With the current opioid crisis many individuals are seeking alternatives to ease both acute and chronic pain. The pain relieving and anti-inflammatory properties of cannabis may be helpful as an adjunct to current therapies to enhance their effectiveness or as a single agent. In addition to THC/CBD combinations the raw form of THC, known as THCa, may offer pain relief without being psychoactive.


Despite the lack of clinical studies there is substantial anecdotal evidence supporting the use of CBD-rich cannabis oil to alleviate symptoms of Asperger’s syndrome and other types of autism. More studies are obviously needed to confirm these findings. 


While there is lots of data supporting the use of cannabis for anorexia in cancer or HIV/AIDS, little research has been done on the effectiveness of cannabis in mitigating anorexia nervosa. While it theoretically makes sense, anorexia nervosa is so complex that cannabis is not usually recommended at the present time. 


Historically cannabis has been used to remedy side effects of chemotherapy (e.g. nausea, vomiting, neuropathy), as well as pain, insomnia, stress, and appetite suppression. Only anecdotal evidence currently exists for direct cancer activity (no studies as yet) but data is accumulating. 


Recent preliminary evidence shows that oral cannabis may offer neuroprotective and anti-inflammatory effects to mildly sedate patients with dementia. Multiple daily doses of small amounts of THC have been recommended. 
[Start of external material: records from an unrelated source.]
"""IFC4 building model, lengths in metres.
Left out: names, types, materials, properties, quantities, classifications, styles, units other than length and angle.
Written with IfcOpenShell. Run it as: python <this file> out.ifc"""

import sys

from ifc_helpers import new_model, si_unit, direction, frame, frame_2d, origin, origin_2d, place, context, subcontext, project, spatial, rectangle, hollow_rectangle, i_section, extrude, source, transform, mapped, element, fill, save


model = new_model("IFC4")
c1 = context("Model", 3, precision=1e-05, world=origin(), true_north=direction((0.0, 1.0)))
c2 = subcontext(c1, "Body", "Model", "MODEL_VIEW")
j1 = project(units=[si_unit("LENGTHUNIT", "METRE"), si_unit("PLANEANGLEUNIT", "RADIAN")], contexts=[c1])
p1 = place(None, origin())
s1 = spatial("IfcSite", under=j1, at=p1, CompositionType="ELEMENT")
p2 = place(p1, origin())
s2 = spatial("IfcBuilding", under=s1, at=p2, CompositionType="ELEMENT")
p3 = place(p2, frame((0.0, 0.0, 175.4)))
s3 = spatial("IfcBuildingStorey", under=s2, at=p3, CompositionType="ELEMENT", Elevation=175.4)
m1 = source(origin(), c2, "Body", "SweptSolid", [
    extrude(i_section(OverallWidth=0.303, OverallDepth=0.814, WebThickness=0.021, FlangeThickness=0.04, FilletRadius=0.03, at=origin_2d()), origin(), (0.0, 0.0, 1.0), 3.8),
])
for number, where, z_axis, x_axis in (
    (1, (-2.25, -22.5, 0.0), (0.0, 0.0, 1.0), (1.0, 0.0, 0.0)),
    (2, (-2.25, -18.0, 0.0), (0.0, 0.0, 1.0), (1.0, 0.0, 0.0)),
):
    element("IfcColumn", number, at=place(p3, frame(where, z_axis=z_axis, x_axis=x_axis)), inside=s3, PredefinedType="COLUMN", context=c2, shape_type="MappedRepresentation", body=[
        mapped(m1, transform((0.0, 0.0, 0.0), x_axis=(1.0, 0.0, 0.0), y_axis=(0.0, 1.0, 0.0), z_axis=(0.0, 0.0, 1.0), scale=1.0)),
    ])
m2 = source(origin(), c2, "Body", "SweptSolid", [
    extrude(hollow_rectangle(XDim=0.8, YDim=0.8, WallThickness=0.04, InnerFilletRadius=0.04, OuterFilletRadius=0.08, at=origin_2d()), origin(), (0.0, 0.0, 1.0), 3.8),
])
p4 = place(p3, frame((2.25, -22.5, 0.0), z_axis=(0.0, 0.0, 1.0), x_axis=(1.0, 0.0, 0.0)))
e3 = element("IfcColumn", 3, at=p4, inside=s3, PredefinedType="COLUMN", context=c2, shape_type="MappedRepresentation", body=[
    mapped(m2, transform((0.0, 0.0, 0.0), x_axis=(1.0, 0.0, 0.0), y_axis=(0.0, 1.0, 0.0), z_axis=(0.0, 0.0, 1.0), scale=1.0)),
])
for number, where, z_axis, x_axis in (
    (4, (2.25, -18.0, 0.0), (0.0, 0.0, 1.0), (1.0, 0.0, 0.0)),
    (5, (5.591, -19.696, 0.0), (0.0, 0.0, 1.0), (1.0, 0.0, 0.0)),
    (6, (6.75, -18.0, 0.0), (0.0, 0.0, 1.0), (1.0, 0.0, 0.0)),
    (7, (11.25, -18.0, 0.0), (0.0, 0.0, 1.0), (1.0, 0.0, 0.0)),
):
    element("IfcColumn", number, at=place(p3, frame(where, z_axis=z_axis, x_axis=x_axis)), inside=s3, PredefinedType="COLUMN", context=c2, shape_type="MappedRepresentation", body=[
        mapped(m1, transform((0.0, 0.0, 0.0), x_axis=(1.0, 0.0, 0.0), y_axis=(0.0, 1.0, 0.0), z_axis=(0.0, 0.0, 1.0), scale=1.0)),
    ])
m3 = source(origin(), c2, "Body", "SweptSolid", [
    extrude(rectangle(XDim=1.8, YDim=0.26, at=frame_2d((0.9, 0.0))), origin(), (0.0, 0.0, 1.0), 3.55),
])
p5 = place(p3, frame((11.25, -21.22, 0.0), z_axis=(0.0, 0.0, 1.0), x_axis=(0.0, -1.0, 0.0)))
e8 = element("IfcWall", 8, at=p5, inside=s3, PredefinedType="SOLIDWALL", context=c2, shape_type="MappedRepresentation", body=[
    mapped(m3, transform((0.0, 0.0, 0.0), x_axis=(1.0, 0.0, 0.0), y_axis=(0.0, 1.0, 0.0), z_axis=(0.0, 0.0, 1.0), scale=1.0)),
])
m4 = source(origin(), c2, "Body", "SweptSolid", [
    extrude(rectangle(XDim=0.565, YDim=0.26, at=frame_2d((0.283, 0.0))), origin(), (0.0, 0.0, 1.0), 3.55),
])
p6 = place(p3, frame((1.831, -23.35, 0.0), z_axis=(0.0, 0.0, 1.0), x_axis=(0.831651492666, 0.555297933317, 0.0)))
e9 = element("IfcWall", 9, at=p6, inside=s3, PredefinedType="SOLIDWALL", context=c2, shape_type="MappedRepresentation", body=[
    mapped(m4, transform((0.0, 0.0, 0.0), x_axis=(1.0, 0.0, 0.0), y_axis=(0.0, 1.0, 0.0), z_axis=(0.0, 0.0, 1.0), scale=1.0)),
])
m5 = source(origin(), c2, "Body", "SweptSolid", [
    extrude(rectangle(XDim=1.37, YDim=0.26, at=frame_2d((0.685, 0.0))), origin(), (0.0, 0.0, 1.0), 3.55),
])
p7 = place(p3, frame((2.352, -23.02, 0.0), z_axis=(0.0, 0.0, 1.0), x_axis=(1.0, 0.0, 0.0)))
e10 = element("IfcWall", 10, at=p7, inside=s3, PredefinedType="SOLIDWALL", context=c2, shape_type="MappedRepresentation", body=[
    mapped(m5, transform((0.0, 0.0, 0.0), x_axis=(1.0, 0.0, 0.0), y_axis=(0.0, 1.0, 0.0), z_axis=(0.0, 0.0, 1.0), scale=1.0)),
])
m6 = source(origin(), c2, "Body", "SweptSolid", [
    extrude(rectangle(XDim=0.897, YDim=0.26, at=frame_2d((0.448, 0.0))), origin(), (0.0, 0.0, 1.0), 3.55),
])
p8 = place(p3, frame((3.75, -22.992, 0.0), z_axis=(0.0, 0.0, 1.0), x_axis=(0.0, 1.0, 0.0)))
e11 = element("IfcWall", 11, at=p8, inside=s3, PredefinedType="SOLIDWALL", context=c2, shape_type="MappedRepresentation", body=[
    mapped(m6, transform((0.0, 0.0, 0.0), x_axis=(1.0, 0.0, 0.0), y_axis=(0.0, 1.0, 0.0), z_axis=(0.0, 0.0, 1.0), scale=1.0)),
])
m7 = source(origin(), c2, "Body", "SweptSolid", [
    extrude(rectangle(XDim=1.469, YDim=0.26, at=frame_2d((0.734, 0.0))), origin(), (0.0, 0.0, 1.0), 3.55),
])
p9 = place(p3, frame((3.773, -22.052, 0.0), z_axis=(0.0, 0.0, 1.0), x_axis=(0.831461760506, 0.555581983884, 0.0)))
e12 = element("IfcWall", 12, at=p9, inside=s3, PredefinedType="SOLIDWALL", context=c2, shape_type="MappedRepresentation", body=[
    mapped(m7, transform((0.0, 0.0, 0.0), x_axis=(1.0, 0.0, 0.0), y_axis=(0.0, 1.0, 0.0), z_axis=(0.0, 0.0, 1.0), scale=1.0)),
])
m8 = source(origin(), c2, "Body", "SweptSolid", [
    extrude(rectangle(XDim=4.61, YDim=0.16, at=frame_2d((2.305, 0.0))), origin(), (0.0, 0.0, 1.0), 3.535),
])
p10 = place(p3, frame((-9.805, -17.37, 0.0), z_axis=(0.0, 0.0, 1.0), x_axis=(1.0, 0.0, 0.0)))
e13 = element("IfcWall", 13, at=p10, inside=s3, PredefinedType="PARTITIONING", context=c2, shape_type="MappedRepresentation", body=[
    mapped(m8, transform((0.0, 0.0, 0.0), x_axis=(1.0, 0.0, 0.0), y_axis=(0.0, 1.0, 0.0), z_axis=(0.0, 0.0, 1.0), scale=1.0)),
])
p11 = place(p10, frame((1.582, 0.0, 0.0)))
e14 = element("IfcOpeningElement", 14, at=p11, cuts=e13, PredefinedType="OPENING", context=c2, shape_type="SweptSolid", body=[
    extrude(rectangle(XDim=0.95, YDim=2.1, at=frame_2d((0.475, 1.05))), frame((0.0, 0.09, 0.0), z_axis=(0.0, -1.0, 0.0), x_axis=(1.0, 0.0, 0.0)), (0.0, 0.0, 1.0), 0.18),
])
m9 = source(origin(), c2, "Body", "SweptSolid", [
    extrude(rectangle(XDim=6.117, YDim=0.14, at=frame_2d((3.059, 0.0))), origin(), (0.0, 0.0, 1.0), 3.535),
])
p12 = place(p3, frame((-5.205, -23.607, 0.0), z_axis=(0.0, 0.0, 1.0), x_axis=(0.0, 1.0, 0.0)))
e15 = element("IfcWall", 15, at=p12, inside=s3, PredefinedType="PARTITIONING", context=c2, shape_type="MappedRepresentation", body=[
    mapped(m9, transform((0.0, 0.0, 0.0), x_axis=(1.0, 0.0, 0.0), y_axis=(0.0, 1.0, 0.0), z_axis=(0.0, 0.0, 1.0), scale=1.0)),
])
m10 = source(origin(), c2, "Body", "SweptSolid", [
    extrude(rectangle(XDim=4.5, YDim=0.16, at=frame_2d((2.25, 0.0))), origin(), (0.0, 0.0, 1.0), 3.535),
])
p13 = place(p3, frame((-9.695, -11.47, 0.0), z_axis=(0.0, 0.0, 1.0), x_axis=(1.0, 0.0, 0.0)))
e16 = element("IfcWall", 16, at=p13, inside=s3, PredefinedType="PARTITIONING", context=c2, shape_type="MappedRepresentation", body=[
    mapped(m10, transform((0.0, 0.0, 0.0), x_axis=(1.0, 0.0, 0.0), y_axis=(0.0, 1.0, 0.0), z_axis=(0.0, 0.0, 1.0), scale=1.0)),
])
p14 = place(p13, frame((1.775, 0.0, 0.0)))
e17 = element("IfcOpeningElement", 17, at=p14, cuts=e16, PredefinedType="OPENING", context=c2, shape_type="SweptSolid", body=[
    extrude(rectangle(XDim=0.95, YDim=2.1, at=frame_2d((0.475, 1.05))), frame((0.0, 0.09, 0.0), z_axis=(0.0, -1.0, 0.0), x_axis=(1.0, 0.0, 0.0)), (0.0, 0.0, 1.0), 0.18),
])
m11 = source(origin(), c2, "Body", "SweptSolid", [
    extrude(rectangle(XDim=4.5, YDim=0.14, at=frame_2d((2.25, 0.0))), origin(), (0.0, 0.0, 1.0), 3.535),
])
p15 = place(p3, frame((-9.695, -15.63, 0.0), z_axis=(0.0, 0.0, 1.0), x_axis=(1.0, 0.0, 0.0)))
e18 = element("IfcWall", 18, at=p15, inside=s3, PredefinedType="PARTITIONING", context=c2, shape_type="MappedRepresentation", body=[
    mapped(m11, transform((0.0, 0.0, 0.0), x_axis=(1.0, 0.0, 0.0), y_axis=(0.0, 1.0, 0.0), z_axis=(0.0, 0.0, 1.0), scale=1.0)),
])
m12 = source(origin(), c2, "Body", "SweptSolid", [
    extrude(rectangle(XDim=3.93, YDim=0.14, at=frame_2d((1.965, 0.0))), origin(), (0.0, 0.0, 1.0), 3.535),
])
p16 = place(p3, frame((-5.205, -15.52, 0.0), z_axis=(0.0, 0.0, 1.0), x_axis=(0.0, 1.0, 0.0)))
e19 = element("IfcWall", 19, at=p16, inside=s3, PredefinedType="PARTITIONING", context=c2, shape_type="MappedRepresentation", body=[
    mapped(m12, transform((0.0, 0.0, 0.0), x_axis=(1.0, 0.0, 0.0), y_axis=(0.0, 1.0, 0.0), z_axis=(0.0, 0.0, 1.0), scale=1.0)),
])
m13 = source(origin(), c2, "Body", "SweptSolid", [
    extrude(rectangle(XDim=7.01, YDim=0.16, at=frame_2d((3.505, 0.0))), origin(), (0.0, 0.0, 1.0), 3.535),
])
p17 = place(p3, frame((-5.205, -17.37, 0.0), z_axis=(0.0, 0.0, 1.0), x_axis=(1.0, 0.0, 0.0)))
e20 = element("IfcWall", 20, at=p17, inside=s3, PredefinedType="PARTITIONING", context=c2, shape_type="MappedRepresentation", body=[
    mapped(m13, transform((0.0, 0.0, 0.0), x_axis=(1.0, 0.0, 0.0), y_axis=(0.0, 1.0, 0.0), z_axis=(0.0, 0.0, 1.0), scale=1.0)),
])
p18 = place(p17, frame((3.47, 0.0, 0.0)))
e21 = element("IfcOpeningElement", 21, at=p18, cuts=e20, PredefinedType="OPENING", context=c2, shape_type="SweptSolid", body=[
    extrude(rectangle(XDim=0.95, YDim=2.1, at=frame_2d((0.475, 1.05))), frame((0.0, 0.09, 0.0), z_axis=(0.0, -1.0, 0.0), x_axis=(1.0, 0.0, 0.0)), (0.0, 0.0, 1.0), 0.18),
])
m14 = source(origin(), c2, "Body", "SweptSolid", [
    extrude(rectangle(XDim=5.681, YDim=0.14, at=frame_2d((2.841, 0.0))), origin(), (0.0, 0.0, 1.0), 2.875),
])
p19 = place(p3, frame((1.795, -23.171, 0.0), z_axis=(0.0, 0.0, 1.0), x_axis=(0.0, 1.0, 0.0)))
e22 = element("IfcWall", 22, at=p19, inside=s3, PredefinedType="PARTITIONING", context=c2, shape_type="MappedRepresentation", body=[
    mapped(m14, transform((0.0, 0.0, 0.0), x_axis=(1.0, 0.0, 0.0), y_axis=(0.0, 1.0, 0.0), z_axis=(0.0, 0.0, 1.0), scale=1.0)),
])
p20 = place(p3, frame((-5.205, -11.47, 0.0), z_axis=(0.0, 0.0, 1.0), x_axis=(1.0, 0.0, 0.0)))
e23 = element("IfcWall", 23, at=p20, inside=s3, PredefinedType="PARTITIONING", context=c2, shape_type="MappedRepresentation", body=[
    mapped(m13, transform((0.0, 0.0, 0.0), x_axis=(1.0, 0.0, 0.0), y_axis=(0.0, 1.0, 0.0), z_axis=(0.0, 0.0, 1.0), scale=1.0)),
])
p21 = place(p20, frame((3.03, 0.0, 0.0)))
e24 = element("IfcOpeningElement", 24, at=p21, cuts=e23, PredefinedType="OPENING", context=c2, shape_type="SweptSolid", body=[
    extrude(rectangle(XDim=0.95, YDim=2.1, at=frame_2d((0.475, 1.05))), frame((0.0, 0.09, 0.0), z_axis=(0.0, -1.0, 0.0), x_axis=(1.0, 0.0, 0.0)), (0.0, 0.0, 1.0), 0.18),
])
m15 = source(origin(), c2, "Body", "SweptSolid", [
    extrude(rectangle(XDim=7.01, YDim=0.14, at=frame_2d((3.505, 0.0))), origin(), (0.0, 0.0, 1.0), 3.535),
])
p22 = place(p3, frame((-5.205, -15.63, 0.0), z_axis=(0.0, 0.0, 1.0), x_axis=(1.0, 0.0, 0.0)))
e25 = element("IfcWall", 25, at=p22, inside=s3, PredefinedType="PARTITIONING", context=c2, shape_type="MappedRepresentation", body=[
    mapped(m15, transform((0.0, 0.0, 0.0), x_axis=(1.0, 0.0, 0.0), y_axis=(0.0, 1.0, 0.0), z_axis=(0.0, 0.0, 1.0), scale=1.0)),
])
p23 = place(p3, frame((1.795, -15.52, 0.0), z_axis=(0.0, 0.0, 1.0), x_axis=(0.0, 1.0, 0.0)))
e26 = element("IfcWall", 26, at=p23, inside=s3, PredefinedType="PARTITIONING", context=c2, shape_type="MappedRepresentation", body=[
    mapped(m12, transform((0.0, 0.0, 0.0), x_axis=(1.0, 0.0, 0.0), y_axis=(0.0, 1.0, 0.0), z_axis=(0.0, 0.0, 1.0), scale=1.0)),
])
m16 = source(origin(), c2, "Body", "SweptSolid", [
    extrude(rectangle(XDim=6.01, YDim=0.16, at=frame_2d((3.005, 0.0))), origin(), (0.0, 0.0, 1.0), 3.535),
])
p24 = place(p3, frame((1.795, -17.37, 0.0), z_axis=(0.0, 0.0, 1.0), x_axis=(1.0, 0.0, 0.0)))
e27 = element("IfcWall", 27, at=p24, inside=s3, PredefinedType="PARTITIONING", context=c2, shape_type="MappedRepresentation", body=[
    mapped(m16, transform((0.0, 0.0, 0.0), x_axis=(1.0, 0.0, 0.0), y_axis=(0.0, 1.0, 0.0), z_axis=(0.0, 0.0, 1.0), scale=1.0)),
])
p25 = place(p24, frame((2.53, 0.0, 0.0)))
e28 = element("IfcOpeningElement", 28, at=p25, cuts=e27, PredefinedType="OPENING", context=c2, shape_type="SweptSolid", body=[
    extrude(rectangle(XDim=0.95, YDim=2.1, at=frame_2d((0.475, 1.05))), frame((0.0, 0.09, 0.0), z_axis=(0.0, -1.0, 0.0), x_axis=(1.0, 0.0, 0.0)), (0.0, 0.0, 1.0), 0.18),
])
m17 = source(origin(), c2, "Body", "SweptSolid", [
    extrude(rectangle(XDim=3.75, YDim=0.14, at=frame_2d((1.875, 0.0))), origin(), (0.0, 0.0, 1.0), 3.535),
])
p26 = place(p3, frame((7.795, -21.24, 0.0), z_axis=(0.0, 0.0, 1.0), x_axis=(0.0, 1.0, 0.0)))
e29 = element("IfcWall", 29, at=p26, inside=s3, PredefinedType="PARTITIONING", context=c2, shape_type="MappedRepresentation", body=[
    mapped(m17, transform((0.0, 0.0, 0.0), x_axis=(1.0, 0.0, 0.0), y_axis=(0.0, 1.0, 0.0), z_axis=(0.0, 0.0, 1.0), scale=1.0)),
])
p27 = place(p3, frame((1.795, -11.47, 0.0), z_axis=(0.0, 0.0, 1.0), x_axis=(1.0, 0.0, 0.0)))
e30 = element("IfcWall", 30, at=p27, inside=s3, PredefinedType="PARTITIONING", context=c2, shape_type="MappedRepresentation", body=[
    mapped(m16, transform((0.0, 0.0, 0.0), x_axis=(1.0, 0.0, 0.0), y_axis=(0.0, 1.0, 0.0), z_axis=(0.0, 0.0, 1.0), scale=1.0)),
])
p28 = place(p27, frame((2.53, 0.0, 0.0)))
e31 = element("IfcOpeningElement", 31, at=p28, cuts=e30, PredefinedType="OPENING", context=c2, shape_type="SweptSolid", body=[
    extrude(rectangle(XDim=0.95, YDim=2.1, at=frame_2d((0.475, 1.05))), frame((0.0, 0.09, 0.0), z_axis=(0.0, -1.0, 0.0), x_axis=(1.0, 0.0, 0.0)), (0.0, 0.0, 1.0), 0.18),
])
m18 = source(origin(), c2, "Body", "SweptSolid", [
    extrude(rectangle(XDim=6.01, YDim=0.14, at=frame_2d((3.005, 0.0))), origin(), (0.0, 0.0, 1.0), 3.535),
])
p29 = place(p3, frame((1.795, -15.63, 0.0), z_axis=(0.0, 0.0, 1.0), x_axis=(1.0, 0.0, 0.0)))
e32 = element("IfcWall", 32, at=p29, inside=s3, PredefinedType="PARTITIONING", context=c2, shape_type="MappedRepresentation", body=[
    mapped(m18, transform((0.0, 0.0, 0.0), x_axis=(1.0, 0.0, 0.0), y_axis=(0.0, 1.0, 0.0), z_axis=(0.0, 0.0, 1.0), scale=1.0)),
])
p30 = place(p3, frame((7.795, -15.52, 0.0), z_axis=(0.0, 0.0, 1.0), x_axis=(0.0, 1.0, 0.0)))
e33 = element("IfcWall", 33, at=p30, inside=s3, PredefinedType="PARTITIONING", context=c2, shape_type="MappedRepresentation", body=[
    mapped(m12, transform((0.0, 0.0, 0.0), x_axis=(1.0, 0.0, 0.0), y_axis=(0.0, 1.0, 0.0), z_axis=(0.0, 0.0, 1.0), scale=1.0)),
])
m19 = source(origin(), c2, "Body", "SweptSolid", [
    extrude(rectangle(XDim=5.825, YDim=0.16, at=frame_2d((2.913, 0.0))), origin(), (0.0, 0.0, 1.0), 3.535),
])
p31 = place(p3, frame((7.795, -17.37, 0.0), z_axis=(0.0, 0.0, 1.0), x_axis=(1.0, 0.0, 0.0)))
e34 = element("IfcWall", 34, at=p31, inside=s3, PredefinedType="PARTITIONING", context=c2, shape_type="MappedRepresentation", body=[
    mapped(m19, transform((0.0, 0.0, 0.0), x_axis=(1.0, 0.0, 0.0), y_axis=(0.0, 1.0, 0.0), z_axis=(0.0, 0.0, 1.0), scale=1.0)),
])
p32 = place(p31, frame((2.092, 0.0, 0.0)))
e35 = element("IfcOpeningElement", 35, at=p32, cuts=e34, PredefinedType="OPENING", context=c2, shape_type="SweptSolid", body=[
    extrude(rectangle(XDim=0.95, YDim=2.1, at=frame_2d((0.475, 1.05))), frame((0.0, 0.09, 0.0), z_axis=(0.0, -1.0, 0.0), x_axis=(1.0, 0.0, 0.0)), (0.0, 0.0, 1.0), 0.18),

CBD and THC are neuroprotective for the optic nerve and THC also lowers intraocular pressure. Both are recommended orally as adjuncts to conventional glaucoma treatment but not alone, as THC has been found to not lower intraocular pressure consistently. 


Many individuals have experienced comfort and relief using cannabis as part of their MS regimen. Pain relief may be obtained from THC or its non-psychoactive form THCa. Muscle relaxation, spasticity, and tone may be improved with CBD. Various delivery methods of vaping, tinctures, and edibles are available to help determine one’s optimum level of comfort. Tinctures offer the advantage of being able to easily titrate doses when starting cannabis.


Cannabis has been found to be effective as prophylaxis for migraine headaches, using small doses of THC to reduce headache frequency and intensity. It also can ease pain and nausea after headache onset using larger THC doses, with buffer doses of CBD to mitigate against increased THC psychoactivity.


Early studies have shown that CBD reliably delivers a range of anticonvulsant effects without intoxication. A severe form of epilepsy, Dravet syndrome, strikes very young children and can be catastrophic. The parents of a young girl, Charlotte Figi, found that CBD oil, unlike traditional therapies, halted her seizures.  Popular CBD-rich varieties include ACDC, Harlequin and Ringo’s Gift. CBD-rich tinctures are recommended in a 20:1 ratio or higher. Two other cannabinoids, THCA and CBDA, are being explored as well. Like CBD they both are non-psychoactive.

GW Pharmaceuticals developed Epidiolex, which contains CBD dissolved in sesame oil. Epidiolex was the first prescription pharmaceutical of CBD approved by the FDA on June 25, 2018.